ConstIter split2 = end,
split1 = minimaxPartition2(begin, split2);
T leftSum = *split1,
rightSum = 0,
best = max(leftSum, total - leftSum - rightSum, rightSum);

while (--split2 > split1 && rightSum < best) {
rightSum = total - *split2;
split1 = minimaxPartition2(begin, split2, split1);
leftSum = *split1;
best = std::min(best, max(leftSum, total - leftSum - rightSum, rightSum));
}
return best;
}

int main() {
size_t len;
std::cin >> len;

long cumulative[len];
for (int sum = 0, i = 0; i < len; sum = cumulative[i++]) {
long n;
std::cin >> n;
if (n <= 0) {
return 1;
}
cumulative[i] = sum + n;
}
std::cout << minimaxPartition3(cumulative, cumulative + len) << std::endl;
return 0;
}

• std::max(a, std::max(b, c)); may be replaced by std::max({a, b, c}); in C++11. – Jarod42 Feb 16 '15 at 18:38

Yes, more efficient algorithms do exist.

$O(n*\log(n))$:

1. Let's fix the end of the first part.

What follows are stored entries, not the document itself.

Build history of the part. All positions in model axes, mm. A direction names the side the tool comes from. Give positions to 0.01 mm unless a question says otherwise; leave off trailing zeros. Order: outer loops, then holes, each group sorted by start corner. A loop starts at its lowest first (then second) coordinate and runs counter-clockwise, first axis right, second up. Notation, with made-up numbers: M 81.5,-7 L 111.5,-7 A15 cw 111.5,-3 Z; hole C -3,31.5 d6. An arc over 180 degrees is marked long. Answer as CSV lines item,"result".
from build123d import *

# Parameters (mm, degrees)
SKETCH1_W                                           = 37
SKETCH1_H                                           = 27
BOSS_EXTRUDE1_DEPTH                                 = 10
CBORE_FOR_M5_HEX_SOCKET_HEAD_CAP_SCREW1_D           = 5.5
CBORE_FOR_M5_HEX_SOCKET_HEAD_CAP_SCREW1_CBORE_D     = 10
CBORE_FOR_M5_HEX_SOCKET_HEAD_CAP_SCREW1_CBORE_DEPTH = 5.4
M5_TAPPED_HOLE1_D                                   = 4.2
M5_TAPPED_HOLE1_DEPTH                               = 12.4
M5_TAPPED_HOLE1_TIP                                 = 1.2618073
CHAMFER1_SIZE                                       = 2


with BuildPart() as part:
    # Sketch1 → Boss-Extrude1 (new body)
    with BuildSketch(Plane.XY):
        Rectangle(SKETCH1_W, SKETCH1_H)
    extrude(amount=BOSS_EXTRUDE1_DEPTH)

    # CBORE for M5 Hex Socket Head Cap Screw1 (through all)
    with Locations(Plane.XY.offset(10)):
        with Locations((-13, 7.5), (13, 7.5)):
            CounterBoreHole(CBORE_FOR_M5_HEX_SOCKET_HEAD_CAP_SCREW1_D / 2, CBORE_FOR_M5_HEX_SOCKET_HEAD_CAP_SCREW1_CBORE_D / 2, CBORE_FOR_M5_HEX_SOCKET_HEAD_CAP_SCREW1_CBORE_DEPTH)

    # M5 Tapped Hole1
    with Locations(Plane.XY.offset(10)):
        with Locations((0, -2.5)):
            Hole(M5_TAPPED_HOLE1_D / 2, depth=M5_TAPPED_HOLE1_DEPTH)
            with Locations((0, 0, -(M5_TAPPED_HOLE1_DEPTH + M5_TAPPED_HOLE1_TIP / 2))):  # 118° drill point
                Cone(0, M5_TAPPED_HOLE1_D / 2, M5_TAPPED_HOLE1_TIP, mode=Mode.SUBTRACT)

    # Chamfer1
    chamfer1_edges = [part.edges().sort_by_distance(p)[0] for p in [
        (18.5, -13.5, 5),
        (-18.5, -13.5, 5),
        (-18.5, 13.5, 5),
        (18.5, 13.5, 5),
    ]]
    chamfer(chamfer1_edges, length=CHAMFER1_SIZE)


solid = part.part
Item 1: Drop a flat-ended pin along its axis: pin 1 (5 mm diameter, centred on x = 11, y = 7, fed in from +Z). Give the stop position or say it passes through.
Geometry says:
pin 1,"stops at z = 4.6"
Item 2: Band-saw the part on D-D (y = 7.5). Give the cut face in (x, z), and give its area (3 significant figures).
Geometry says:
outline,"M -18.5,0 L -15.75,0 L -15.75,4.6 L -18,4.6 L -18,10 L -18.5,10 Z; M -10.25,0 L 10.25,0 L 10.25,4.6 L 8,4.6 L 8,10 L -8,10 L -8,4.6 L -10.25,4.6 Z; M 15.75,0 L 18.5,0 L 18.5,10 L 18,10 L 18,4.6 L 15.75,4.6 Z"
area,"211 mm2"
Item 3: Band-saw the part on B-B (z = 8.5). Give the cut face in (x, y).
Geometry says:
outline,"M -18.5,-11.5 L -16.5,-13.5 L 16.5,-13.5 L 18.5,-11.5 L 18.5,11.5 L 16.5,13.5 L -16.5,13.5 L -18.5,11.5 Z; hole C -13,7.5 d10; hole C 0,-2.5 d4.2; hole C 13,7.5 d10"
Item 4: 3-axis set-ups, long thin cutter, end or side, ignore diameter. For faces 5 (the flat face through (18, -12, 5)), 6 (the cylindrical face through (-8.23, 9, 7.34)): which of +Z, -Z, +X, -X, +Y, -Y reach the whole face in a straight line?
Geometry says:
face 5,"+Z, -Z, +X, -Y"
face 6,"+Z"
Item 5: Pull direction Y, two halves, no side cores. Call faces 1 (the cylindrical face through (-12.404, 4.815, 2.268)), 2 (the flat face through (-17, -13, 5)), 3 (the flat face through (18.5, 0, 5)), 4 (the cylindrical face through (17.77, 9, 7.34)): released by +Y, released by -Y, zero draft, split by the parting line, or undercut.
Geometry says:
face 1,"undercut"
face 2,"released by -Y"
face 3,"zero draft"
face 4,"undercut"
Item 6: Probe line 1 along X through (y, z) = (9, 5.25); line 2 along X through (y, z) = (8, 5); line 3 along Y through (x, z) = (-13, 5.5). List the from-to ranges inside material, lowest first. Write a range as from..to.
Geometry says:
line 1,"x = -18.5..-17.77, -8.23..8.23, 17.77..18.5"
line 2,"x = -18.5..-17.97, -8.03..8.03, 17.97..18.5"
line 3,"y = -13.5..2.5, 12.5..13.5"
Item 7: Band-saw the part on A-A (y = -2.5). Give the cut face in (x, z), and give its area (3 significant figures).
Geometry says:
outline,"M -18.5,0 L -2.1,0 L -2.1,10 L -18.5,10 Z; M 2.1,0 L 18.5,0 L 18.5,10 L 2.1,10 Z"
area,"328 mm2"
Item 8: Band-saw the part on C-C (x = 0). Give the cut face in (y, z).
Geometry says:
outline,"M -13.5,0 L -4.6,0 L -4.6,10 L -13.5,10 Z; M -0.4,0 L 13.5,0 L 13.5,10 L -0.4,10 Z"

Now we are interested in finding the end of the second one. I claim that we need to check only two candidates: the last index such that the sum of the second part is not greater then the sum of the third part and the one immediately after it (I will not post a formal proof here, but intuitively it is clear that we want keep these two sums as close to each other as possible.

2. To do it in efficient manner, we can use a binary search and prefix sums:

// Returns the sum of the [left, right] subarray in O(1) time.
int getSum(int left, int right)
// Prefix sums are used here.
...

// Checks if the current answer is better than the current best
...

// Corner cases are ignored here.
// This piece of code just represents an idea of the algorithm, it can
// contain bugs.
for (int first <- 0 ... n - 1)
int low = first
int high = n - 1
while (high - low > 1)
int mid = (low + high) / 2
if (getSum(first + 1, mid) <= getSum(mid + 1, n - 1))
low = mid
else
high = mid

Now we can use the following observation: when the first variable increases in the code above, the low value either increases or stays the same, too. That's why we can apply two pointers technique and get an $O(n)$ time complexity.